4. «GIVE AN INTERESTING ORDER!» — And finally, the most important thing. The Bartender remembers not what he was told, but what he worked on. A simple instruction read and dismissed with a button press is a dull order he’ll forget in a second. Don’t expect players to retain a rule from a passive tutorial. Make them apply it, fail, try again, and finally succeed. That’s the most reliable way to turn a temporary guest into a resident.

Once again, if we compress our observations into a short staff memo, it reads like this:

  • SIMPLIFY the interface and information flow — don’t force the player to juggle more than 5–7 active elements at once.
  • GROUP related items (in inventory, skill trees, quest logs) so the player can process them as a single whole.
  • SEPARATE channels of perception — don’t make critical audio and visual cues compete for attention.
  • ENGAGE the player through doing — the best tutorial is an interesting problem to solve.

And what happens when our Bartender likes a guest so much that he decides not just to serve them, but to issue a permanent pass? Well, for that we’ll have to climb to our hotel’s final, most mysterious floor.

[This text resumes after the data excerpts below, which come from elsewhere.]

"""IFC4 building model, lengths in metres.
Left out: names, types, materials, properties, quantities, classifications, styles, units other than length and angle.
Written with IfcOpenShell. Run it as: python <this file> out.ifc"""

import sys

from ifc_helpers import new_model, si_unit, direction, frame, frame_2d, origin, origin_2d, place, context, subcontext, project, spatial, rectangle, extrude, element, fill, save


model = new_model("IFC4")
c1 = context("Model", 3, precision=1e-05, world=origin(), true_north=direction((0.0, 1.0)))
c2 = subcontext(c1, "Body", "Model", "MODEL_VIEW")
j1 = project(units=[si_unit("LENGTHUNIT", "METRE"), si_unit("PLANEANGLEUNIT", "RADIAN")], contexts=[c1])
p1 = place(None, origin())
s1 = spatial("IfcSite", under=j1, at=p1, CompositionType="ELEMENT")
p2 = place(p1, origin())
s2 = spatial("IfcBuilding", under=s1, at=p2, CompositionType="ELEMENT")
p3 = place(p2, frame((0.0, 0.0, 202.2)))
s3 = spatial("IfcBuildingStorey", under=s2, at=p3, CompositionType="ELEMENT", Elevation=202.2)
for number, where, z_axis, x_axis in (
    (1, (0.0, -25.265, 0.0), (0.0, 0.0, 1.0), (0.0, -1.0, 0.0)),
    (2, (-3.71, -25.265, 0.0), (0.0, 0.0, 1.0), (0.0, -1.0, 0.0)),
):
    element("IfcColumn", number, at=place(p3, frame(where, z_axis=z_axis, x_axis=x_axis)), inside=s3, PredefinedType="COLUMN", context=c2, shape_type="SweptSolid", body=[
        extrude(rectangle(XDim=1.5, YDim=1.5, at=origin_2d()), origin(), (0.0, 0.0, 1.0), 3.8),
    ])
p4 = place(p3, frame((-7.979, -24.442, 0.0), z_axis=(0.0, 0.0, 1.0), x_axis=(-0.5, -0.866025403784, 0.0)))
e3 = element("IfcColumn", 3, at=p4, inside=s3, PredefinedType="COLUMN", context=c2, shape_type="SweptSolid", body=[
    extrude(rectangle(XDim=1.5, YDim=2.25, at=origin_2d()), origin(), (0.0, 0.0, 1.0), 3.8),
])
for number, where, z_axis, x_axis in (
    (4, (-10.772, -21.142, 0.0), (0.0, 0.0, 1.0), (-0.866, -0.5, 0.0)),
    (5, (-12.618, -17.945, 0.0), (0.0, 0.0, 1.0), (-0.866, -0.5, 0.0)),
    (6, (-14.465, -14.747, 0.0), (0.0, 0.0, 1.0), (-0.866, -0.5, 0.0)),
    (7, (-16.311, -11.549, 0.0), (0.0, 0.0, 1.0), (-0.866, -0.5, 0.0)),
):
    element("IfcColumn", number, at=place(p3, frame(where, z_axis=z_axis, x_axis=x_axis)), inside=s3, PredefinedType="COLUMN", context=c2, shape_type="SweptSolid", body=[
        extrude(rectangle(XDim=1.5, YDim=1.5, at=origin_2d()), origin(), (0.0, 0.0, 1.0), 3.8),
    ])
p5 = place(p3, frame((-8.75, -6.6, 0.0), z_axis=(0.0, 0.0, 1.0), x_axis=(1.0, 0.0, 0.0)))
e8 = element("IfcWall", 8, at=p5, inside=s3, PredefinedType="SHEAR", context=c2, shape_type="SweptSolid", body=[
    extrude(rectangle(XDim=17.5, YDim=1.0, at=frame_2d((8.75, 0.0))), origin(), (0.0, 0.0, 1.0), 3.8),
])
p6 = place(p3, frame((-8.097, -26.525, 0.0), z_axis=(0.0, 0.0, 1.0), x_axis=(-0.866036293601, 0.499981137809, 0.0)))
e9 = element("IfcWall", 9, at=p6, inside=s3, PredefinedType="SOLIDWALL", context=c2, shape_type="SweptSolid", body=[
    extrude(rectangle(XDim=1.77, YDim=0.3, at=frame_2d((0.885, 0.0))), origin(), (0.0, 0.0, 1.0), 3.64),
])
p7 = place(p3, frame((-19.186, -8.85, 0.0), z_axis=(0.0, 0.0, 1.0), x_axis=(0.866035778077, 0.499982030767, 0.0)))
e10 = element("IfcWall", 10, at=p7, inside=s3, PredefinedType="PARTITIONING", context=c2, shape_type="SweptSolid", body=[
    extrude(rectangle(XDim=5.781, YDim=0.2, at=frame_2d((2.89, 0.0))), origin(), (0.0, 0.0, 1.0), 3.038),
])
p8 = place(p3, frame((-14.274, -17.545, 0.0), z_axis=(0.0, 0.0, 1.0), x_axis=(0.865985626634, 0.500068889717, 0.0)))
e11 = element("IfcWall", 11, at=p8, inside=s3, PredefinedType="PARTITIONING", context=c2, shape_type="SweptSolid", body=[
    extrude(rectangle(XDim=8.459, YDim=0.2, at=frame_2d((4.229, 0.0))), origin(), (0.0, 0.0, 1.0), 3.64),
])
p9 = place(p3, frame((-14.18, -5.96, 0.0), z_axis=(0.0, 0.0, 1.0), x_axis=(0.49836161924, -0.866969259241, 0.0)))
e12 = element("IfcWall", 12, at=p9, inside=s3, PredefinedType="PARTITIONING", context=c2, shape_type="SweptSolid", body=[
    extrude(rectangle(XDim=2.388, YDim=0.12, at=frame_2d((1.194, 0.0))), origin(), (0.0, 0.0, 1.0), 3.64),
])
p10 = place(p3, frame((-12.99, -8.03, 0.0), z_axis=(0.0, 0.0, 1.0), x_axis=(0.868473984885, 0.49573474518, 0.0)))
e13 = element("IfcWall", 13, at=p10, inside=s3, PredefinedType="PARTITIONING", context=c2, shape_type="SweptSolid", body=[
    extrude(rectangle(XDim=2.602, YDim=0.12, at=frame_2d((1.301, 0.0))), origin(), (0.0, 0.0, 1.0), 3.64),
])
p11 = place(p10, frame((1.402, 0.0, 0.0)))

IV. Third Floor: The Rooms.

There’s only one elevator up here — very quiet. Our investigation is essentially nearing its end, because all the important guests, including you, have made it here — to Long-Term Memory. The information has settled. But… remember I mentioned murders? Real murders. The ghosts and the guests pushed off their stools were minor offenses. The real tragedy unfolds right here. It’s time to learn who our Bartender keeps calling so desperately — and why those calls so often go unanswered.

There’s no staff on this floor. No concierges, no bouncers. Only endless corridors and countless rooms. The Bartender’s calls from the second floor go straight into these rooms.

Our long-term memory is a system storing all kinds of information: from the sequence of moves for driving a car to the name of your first pet. And whereas sensory and working memory are bound by strict limits, long-term memory has, so far, shown no hard limits of time or capacity. In other words, potentially we can keep an unlimited number of guests for an unlimited time!

Whoa… do we really have that many rooms? But let me repeat and emphasize — potentially! Before we talk about how to keep our guests safe and sound, I need to tell you about two kinds of rooms in this maze.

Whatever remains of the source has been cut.